- VHS cover
- Directed by: Rob Hardy
- Produced by: William Packer
- Starring: Gary Dourdan; Gretchen Palmer; Kenya Moore; Chrystale Wilson;
- Distributed by: Rainforest Films
- Release date: March 10, 2000;
- Running time: 93 minutes
- Country: United States
- Language: English
- Budget: $250,000
- Box office: $1.3 million

= Trois =

2000 erotic thriller film

Trois is a 2000 erotic thriller film directed by Rob Hardy and produced by William Packer. It stars Gary Dourdan, Kenya Moore and Gretchen Palmer. The film was given a limited theatrical release and was one of the year's highest grossing African American-oriented films as well as one of the top fifty highest grossing independent films of 2000. The film was followed by two sequels, Trois 2: Pandora's Box (2002) and Trois: The Escort (2004).

==Synopsis==
Jermaine Davis (Dourdan) is a young attorney who is newly married and has recently moved to Atlanta, Georgia with his lovely and supportive wife Jasmine (Moore). While becoming settled into the new city and job, Jermaine becomes bored with his seemingly mundane lifestyle at home. He asks his wife to engage in a ménage à trois with another woman, in order to generate more excitement within their relationship and she reluctantly agrees.

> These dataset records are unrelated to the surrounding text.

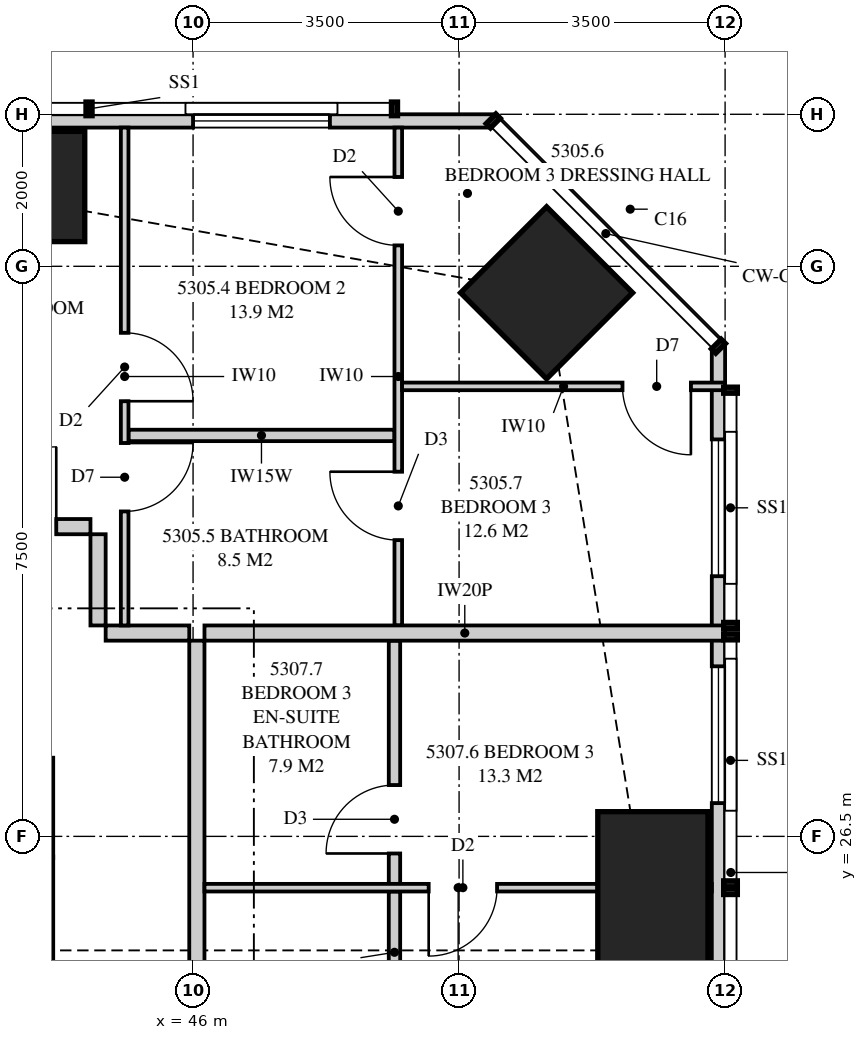
"""IFC4 building model, lengths in metres.
Left out: names, types, materials, properties, quantities, classifications, styles, units other than length and angle.
Written with IfcOpenShell. Run it as: python <this file> out.ifc"""

import sys

from ifc_helpers import new_model, si_unit, direction, frame, frame_2d, origin, origin_2d, place, context, subcontext, project, spatial, polyline, rectangle, outline, extrude, element, fill, save


model = new_model("IFC4")
c1 = context("Model", 3, precision=1e-05, world=origin(), true_north=direction((0.0, 1.0)))
c2 = subcontext(c1, "Body", "Model", "MODEL_VIEW")
j1 = project(units=[si_unit("LENGTHUNIT", "METRE"), si_unit("PLANEANGLEUNIT", "RADIAN")], contexts=[c1])
p1 = place(None, origin())
s1 = spatial("IfcSite", under=j1, at=p1, CompositionType="ELEMENT")
p2 = place(p1, origin())
s2 = spatial("IfcBuilding", under=s1, at=p2, CompositionType="ELEMENT")
p3 = place(p2, frame((0.0, 0.0, 194.55)))
s3 = spatial("IfcBuildingStorey", under=s2, at=p3, CompositionType="ELEMENT", Elevation=194.55)
p4 = place(p3, frame((52.05, 25.0, 0.0), z_axis=(0.0, 0.0, 1.0), x_axis=(1.0, 0.0, 0.0)))
e1 = element("IfcColumn", 1, at=p4, inside=s3, PredefinedType="COLUMN", context=c2, shape_type="SweptSolid", body=[
    extrude(rectangle(XDim=1.45, YDim=3.65, at=origin_2d()), origin(), (0.0, 0.0, 1.0), 3.35),
])
p5 = place(p3, frame((50.652, 33.652, 0.0), z_axis=(0.0, 0.0, 1.0), x_axis=(0.707106781187, 0.707106781187, 0.0)))
e2 = element("IfcColumn", 2, at=p5, inside=s3, PredefinedType="COLUMN", context=c2, shape_type="SweptSolid", body=[
    extrude(rectangle(XDim=1.6, YDim=1.6, at=origin_2d()), origin(), (0.0, 0.0, 1.0), 3.35),
])
p6 = place(p3, frame((42.75, 35.05, 0.0), z_axis=(0.0, 0.0, 1.0), x_axis=(0.0, 1.0, 0.0)))
e3 = element("IfcColumn", 3, at=p6, inside=s3, PredefinedType="COLUMN", context=c2, shape_type="SweptSolid", body=[
    extrude(rectangle(XDim=1.45, YDim=3.65, at=origin_2d()), origin(), (0.0, 0.0, 1.0), 3.35),
])
p7 = place(p3, frame((43.8, 19.3, 0.0), z_axis=(0.0, 0.0, 1.0), x_axis=(0.0, 1.0, 0.0)))
e4 = element("IfcWall", 4, at=p7, inside=s3, PredefinedType="SHEAR", context=c2, shape_type="SweptSolid", body=[
    extrude(rectangle(XDim=6.925, YDim=0.7, at=frame_2d((3.462, 0.0))), origin(), (0.0, 0.0, 1.0), 3.35),
])
p8 = place(p3, frame((52.913, 3.051, 0.0), z_axis=(0.0, 0.0, 1.0), x_axis=(0.0, 1.0, 0.0)))
e5 = element("IfcWall", 5, at=p8, inside=s3, PredefinedType="SOLIDWALL", context=c2, shape_type="SweptSolid", body=[
    extrude(outline(polyline([(0.0, 0.0), (29.897, 0.0), (29.897, 3.11), (22.167, 3.11), (22.167, 2.15), (22.074, 2.15), (22.074, 3.11), (21.949, 3.11), (21.949, 2.15), (9.949, 2.15), (9.949, 3.11), (9.847, 3.11), (9.847, 2.15), (9.706, 2.15), (9.706, 3.11), (0.0, 3.11), (0.0, 0.0)])), frame((0.0, 0.087, 0.0), z_axis=(0.0, -1.0, 0.0), x_axis=(1.0, 0.0, 0.0)), (0.0, 0.0, 1.0), 0.175),
])
p9 = place(p8, frame((5.374, 0.0, 0.4)))
e6 = element("IfcOpeningElement", 6, at=p9, cuts=e5, PredefinedType="OPENING", context=c2, shape_type="SweptSolid", body=[
    extrude(rectangle(XDim=1.8, YDim=1.7, at=frame_2d((0.9, 0.85))), frame((0.0, 0.097, 0.0), z_axis=(0.0, -1.0, 0.0), x_axis=(1.0, 0.0, 0.0)), (0.0, 0.0, 1.0), 0.195),
])
p10 = place(p8, frame((12.199, 0.0, 0.4)))
e7 = element("IfcOpeningElement", 7, at=p10, cuts=e5, PredefinedType="OPENING", context=c2, shape_type="SweptSolid", body=[
    extrude(rectangle(XDim=1.8, YDim=1.7, at=frame_2d((0.9, 0.85))), frame((0.0, 0.097, 0.0), z_axis=(0.0, -1.0, 0.0), x_axis=(1.0, 0.0, 0.0)), (0.0, 0.0, 1.0), 0.195),
])
p11 = place(p8, frame((15.324, 0.0, 0.0)))
e8 = element("IfcOpeningElement", 8, at=p11, cuts=e5, PredefinedType="OPENING", context=c2, shape_type="SweptSolid", body=[
    extrude(rectangle(XDim=1.8, YDim=2.1, at=frame_2d((0.9, 1.05))), frame((0.0, 0.097, 0.0), z_axis=(0.0, -1.0, 0.0), x_axis=(1.0, 0.0, 0.0)), (0.0, 0.0, 1.0), 0.195),
])
p12 = place(p8, frame((18.174, 0.0, 0.4)))
e9 = element("IfcOpeningElement", 9, at=p12, cuts=e5, PredefinedType="OPENING", context=c2, shape_type="SweptSolid", body=[
    extrude(rectangle(XDim=1.8, YDim=1.7, at=frame_2d((0.9, 0.85))), frame((0.0, 0.097, 0.0), z_axis=(0.0, -1.0, 0.0), x_axis=(1.0, 0.0, 0.0)), (0.0, 0.0, 1.0), 0.195),
])
p13 = place(p8, frame((23.886, 0.0, 0.4)))
e10 = element("IfcOpeningElement", 10, at=p13, cuts=e5, PredefinedType="OPENING", context=c2, shape_type="SweptSolid", body=[
    extrude(rectangle(XDim=1.8, YDim=1.7, at=frame_2d((0.9, 0.85))), frame((0.0, 0.097, 0.0), z_axis=(0.0, -1.0, 0.0), x_axis=(1.0, 0.0, 0.0)), (0.0, 0.0, 1.0), 0.195),
])
p14 = place(p8, frame((26.871, 0.0, 0.4)))
e11 = element("IfcOpeningElement", 11, at=p14, cuts=e5, PredefinedType="OPENING", context=c2, shape_type="SweptSolid", body=[
    extrude(rectangle(XDim=1.8, YDim=1.7, at=frame_2d((0.9, 0.85))), frame((0.0, 0.097, 0.0), z_axis=(0.0, -1.0, 0.0), x_axis=(1.0, 0.0, 0.0)), (0.0, 0.0, 1.0), 0.195),
])
p15 = place(p3, frame((49.949, 35.913, 0.0), z_axis=(0.0, 0.0, 1.0), x_axis=(-1.0, 0.0, 0.0)))
e12 = element("IfcWall", 12, at=p15, inside=s3, PredefinedType="SOLIDWALL", context=c2, shape_type="SweptSolid", body=[
    extrude(outline(polyline([(0.0, 0.0), (34.897, 0.0), (34.897, 3.11), (27.91, 3.11), (27.91, 2.15), (27.836, 2.15), (27.836, 3.11), (27.699, 3.11), (27.699, 2.15), (7.199, 2.15), (7.199, 3.11), (7.062, 3.11), (7.062, 2.15), (6.987, 2.15), (6.987, 3.11), (0.0, 3.11), (0.0, 0.0)])), frame((0.0, 0.087, 0.0), z_axis=(0.0, -1.0, 0.0), x_axis=(1.0, 0.0, 0.0)), (0.0, 0.0, 1.0), 0.175),
])
p16 = place(p15, frame((2.149, 0.0, 0.4)))
e13 = element("IfcOpeningElement", 13, at=p16, cuts=e12, PredefinedType="OPENING", context=c2, shape_type="SweptSolid", body=[
    extrude(rectangle(XDim=1.8, YDim=1.7, at=frame_2d((0.9, 0.85))), frame((0.0, 0.097, 0.0), z_axis=(0.0, -1.0, 0.0), x_axis=(1.0, 0.0, 0.0)), (0.0, 0.0, 1.0), 0.195),
])
p17 = place(p15, frame((9.636, 0.0, 0.4)))
e14 = element("IfcOpeningElement", 14, at=p17, cuts=e12, PredefinedType="OPENING", context=c2, shape_type="SweptSolid", body=[
    extrude(rectangle(XDim=1.8, YDim=1.7, at=frame_2d((0.9, 0.85))), frame((0.0, 0.097, 0.0), z_axis=(0.0, -1.0, 0.0), x_axis=(1.0, 0.0, 0.0)), (0.0, 0.0, 1.0), 0.195),
])
p18 = place(p15, frame((13.174, 0.0, 0.0)))
e15 = element("IfcOpeningElement", 15, at=p18, cuts=e12, PredefinedType="OPENING", context=c2, shape_type="SweptSolid", body=[
    extrude(rectangle(XDim=1.8, YDim=2.1, at=frame_2d((0.9, 1.05))), frame((0.0, 0.097, 0.0), z_axis=(0.0, -1.0, 0.0), x_axis=(1.0, 0.0, 0.0)), (0.0, 0.0, 1.0), 0.195),
])
p19 = place(p15, frame((19.374, 0.0, 0.4)))
e16 = element("IfcOpeningElement", 16, at=p19, cuts=e12, PredefinedType="OPENING", context=c2, shape_type="SweptSolid", body=[
    extrude(rectangle(XDim=1.8, YDim=1.7, at=frame_2d((0.9, 0.85))), frame((0.0, 0.097, 0.0), z_axis=(0.0, -1.0, 0.0), x_axis=(1.0, 0.0, 0.0)), (0.0, 0.0, 1.0), 0.195),
])
p20 = place(p15, frame((23.224, 0.0, 0.4)))
e17 = element("IfcOpeningElement", 17, at=p20, cuts=e12, PredefinedType="OPENING", context=c2, shape_type="SweptSolid", body=[
    extrude(rectangle(XDim=2.4, YDim=1.7, at=frame_2d((1.2, 0.85))), frame((0.0, 0.097, 0.0), z_axis=(0.0, -1.0, 0.0), x_axis=(1.0, 0.0, 0.0)), (0.0, 0.0, 1.0), 0.195),
])
p21 = place(p15, frame((32.399, 0.0, 0.4)))
e18 = element("IfcOpeningElement", 18, at=p21, cuts=e12, PredefinedType="OPENING", context=c2, shape_type="SweptSolid", body=[
    extrude(rectangle(XDim=1.8, YDim=1.7, at=frame_2d((0.9, 0.85))), frame((0.0, 0.097, 0.0), z_axis=(0.0, -1.0, 0.0), x_axis=(1.0, 0.0, 0.0)), (0.0, 0.0, 1.0), 0.195),
])
p22 = place(p3, frame((45.1, 35.825, 0.0), z_axis=(0.0, 0.0, 1.0), x_axis=(0.0, -1.0, 0.0)))
e19 = element("IfcWall", 19, at=p22, inside=s3, PredefinedType="PARTITIONING", context=c2, shape_type="SweptSolid", body=[
    extrude(outline(polyline([(0.0, 0.0), (6.55, 0.0), (6.55, 3.11), (2.064, 3.11), (2.064, 2.15), (0.318, 2.15), (0.318, 3.11), (0.0, 3.11), (0.0, 0.0)])), frame((0.0, 0.05, 0.0), z_axis=(0.0, -1.0, 0.0), x_axis=(1.0, 0.0, 0.0)), (0.0, 0.0, 1.0), 0.1),
])
p23 = place(p22, frame((2.7, 0.0, 0.0)))
e20 = element("IfcOpeningElement", 20, at=p23, cuts=e19, PredefinedType="OPENING", context=c2, shape_type="SweptSolid", body=[
    extrude(rectangle(XDim=0.9, YDim=2.1, at=frame_2d((0.45, 1.05))), frame((0.0, 0.06, 0.0), z_axis=(0.0, -1.0, 0.0), x_axis=(1.0, 0.0, 0.0)), (0.0, 0.0, 1.0), 0.12),
])
p24 = place(p22, frame((4.15, 0.0, 0.0)))
e21 = element("IfcOpeningElement", 21, at=p24, cuts=e19, PredefinedType="OPENING", context=c2, shape_type="SweptSolid", body=[
    extrude(rectangle(XDim=0.9, YDim=2.1, at=frame_2d((0.45, 1.05))), frame((0.0, 0.06, 0.0), z_axis=(0.0, -1.0, 0.0), x_axis=(1.0, 0.0, 0.0)), (0.0, 0.0, 1.0), 0.12),
])
p25 = place(p3, frame((48.7, 35.825, 0.0), z_axis=(0.0, 0.0, 1.0), x_axis=(0.0, -1.0, 0.0)))
e22 = element("IfcWall", 22, at=p25, inside=s3, PredefinedType="PARTITIONING", context=c2, shape_type="SweptSolid", body=[
    extrude(outline(polyline([(0.0, 0.0), (6.55, 0.0), (6.55, 3.11), (2.701, 3.11), (2.701, 2.15), (0.955, 2.15), (0.955, 3.11), (0.0, 3.11), (0.0, 0.0)])), frame((0.0, 0.05, 0.0), z_axis=(0.0, -1.0, 0.0), x_axis=(1.0, 0.0, 0.0)), (0.0, 0.0, 1.0), 0.1),
])
p26 = place(p25, frame((0.65, 0.0, 0.0)))
e23 = element("IfcOpeningElement", 23, at=p26, cuts=e22, PredefinedType="OPENING", context=c2, shape_type="SweptSolid", body=[
    extrude(rectangle(XDim=0.9, YDim=2.1, at=frame_2d((0.45, 1.05))), frame((0.0, 0.06, 0.0), z_axis=(0.0, -1.0, 0.0), x_axis=(1.0, 0.0, 0.0)), (0.0, 0.0, 1.0), 0.12),
])
p27 = place(p25, frame((4.527, 0.0, 0.0)))
e24 = element("IfcOpeningElement", 24, at=p27, cuts=e22, PredefinedType="OPENING", context=c2, shape_type="SweptSolid", body=[
    extrude(rectangle(XDim=0.9, YDim=2.1, at=frame_2d((0.45, 1.05))), frame((0.0, 0.06, 0.0), z_axis=(0.0, -1.0, 0.0), x_axis=(1.0, 0.0, 0.0)), (0.0, 0.0, 1.0), 0.12),
])
p28 = place(p3, frame((45.15, 31.775, 0.0), z_axis=(0.0, 0.0, 1.0), x_axis=(1.0, 0.0, 0.0)))
e25 = element("IfcWall", 25, at=p28, inside=s3, PredefinedType="PLUMBINGWALL", context=c2, shape_type="SweptSolid", body=[
    extrude(rectangle(XDim=3.5, YDim=0.15, at=frame_2d((1.75, 0.0))), origin(), (0.0, 0.0, 1.0), 3.11),
])
p29 = place(p3, frame((48.75, 32.42, 0.0), z_axis=(0.0, 0.0, 1.0), x_axis=(1.0, 0.0, 0.0)))
e26 = element("IfcWall", 26, at=p29, inside=s3, PredefinedType="PARTITIONING", context=c2, shape_type="SweptSolid", body=[
    extrude(outline(polyline([(0.0, 0.0), (4.25, 0.0), (4.25, 3.11), (2.972, 3.11), (2.972, 2.15), (1.229, 2.15), (1.229, 3.11), (0.0, 3.11), (0.0, 0.0)])), frame((0.0, 0.05, 0.0), z_axis=(0.0, -1.0, 0.0), x_axis=(1.0, 0.0, 0.0)), (0.0, 0.0, 1.0), 0.1),
])
p30 = place(p29, frame((2.9, 0.0, 0.0)))
e27 = element("IfcOpeningElement", 27, at=p30, cuts=e26, PredefinedType="OPENING", context=c2, shape_type="SweptSolid", body=[
    extrude(rectangle(XDim=0.9, YDim=2.1, at=frame_2d((0.45, 1.05))), frame((0.0, 0.06, 0.0), z_axis=(0.0, -1.0, 0.0), x_axis=(1.0, 0.0, 0.0)), (0.0, 0.0, 1.0), 0.12),
])
p31 = place(p3, frame((46.15, 29.175, 0.0), z_axis=(0.0, 0.0, 1.0), x_axis=(1.0, 0.0, 0.0)))
e28 = element("IfcWall", 28, at=p31, inside=s3, PredefinedType="PARTITIONING", context=c2, shape_type="SweptSolid", body=[
    extrude(outline(polyline([(0.0, 0.0), (6.85, 0.0), (6.85, 3.11), (6.147, 3.11), (6.147, 2.15), (4.303, 2.15), (4.303, 3.11), (0.0, 3.11), (0.0, 0.0)])), frame((0.0, 0.1, 0.0), z_axis=(0.0, -1.0, 0.0), x_axis=(1.0, 0.0, 0.0)), (0.0, 0.0, 1.0), 0.2),
])
p32 = place(p3, frame((46.05, 7.925, 0.0), z_axis=(0.0, 0.0, 1.0), x_axis=(0.0, 1.0, 0.0)))
e29 = element("IfcWall", 29, at=p32, inside=s3, PredefinedType="PARTITIONING", context=c2, shape_type="SweptSolid", body=[
    extrude(outline(polyline([(0.0, 0.0), (21.15, 0.0), (21.15, 3.11), (17.412, 3.11), (17.412, 2.541), (16.738, 2.541), (16.738, 3.11), (5.412, 3.11), (5.412, 2.541), (4.738, 2.541), (4.738, 3.11), (0.0, 3.11), (0.0, 0.0)])), frame((0.0, 0.1, 0.0), z_axis=(0.0, -1.0, 0.0), x_axis=(1.0, 0.0, 0.0)), (0.0, 0.0, 1.0), 0.2),
])
p33 = place(p32, frame((10.075, 0.0, 0.0)))
e30 = element("IfcOpeningElement", 30, at=p33, cuts=e29, PredefinedType="OPENING", context=c2, shape_type="SweptSolid", body=[
    extrude(rectangle(XDim=1.05, YDim=2.2, at=frame_2d((0.525, 1.1))), frame((0.0, 0.11, 0.0), z_axis=(0.0, -1.0, 0.0), x_axis=(1.0, 0.0, 0.0)), (0.0, 0.0, 1.0), 0.22),
])
p34 = place(p3, frame((52.825, 25.825, 0.0), z_axis=(0.0, 0.0, 1.0), x_axis=(-1.0, 0.0, 0.0)))
e31 = element("IfcWall", 31, at=p34, inside=s3, PredefinedType="PARTITIONING", context=c2, shape_type="SweptSolid", body=[
    extrude(outline(polyline([(0.037, 3.11), (0.0, 3.11), (0.0, 0.0), (0.529, 0.0), (0.529, 0.664), (1.021, 0.664), (1.021, 0.0), (6.675, 0.0), (6.675, 3.11), (1.78, 3.11), (1.78, 2.15), (1.021, 2.15), (1.021, 1.486), (0.529, 1.486), (0.529, 2.15), (0.037, 2.15), (0.037, 3.11)])), frame((0.0, 0.05, 0.0), z_axis=(0.0, -1.0, 0.0), x_axis=(1.0, 0.0, 0.0)), (0.0, 0.0, 1.0), 0.1),
])
p35 = place(p34, frame((2.825, 0.0, 0.0)))
e32 = element("IfcOpeningElement", 32, at=p35, cuts=e31, PredefinedType="OPENING", context=c2, shape_type="SweptSolid", body=[
    extrude(rectangle(XDim=0.9, YDim=2.1, at=frame_2d((0.45, 1.05))), frame((0.0, 0.06, 0.0), z_axis=(0.0, -1.0, 0.0), x_axis=(1.0, 0.0, 0.0)), (0.0, 0.0, 1.0), 0.12),
])
p36 = place(p3, frame((48.65, 20.875, 0.0), z_axis=(0.0, 0.0, 1.0), x_axis=(0.0, 1.0, 0.0)))
e33 = element("IfcWall", 33, at=p36, inside=s3, PredefinedType="PLUMBINGWALL", context=c2, shape_type="SweptSolid", body=[
    extrude(outline(polyline([(0.0, 0.0), (4.9, 0.0), (4.9, 3.11), (4.438, 3.11), (4.438, 2.541), (3.812, 2.541), (3.812, 3.11), (0.0, 3.11), (0.0, 0.0)])), frame((0.0, 0.075, 0.0), z_axis=(0.0, -1.0, 0.0), x_axis=(1.0, 0.0, 0.0)), (0.0, 0.0, 1.0), 0.15),
])
p37 = place(p3, frame((48.65, 25.875, 0.0), z_axis=(0.0, 0.0, 1.0), x_axis=(0.0, 1.0, 0.0)))
e34 = element("IfcWall", 34, at=p37, inside=s3, PredefinedType="PLUMBINGWALL", context=c2, shape_type="SweptSolid", body=[
    extrude(rectangle(XDim=3.2, YDim=0.15, at=frame_2d((1.6, 0.0))), origin(), (0.0, 0.0, 1.0), 3.11),
])
p38 = place(p37, frame((0.4, 0.0, 0.0)))
e35 = element("IfcOpeningElement", 35, at=p38, cuts=e34, PredefinedType="OPENING", context=c2, shape_type="SweptSolid", body=[
    extrude(rectangle(XDim=0.9, YDim=2.1, at=frame_2d((0.45, 1.05))), frame((0.0, 0.085, 0.0), z_axis=(0.0, -1.0, 0.0), x_axis=(1.0, 0.0, 0.0)), (0.0, 0.0, 1.0), 0.17),
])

Once they've committed the act, Jermaine begins to feel the insecurities of bringing a stranger into his marriage. As a result, he attempts to sever all ties with the woman. Unfortunately, it proves more complicated to remove this person from their lives and he realizes that his curiosity has thrown him into battle with a dangerous lunatic and may cost him his marriage.

==Cast==
- Gary Dourdan as Jermaine Davis
- Kenya Moore as Jasmine Davis
- Gretchen Palmer as Jade Owens
- Bryce Wilson as Robert
- Chrystale Wilson as Tammy
- Soloman K. Smith as Terrance/Eric
- Thom Byrd as Thomas
- Donna Biscoe as Ms. Paul

==Reception==
The Toledo Blade gave Trois two stars, criticizing the film as not being able to decide whether it wanted to be a "serious artistic endeavor" or a "cheap thrill" and suffering as a result.

==Sequels==
Two further films were produced in the film series, Pandora's Box and The Escort. Neither film was a direct sequel to the first film and Pandora's Box was not filmed with the intent of creating it as a part of the Trois film series. Critical reception for the second film in the series was poor.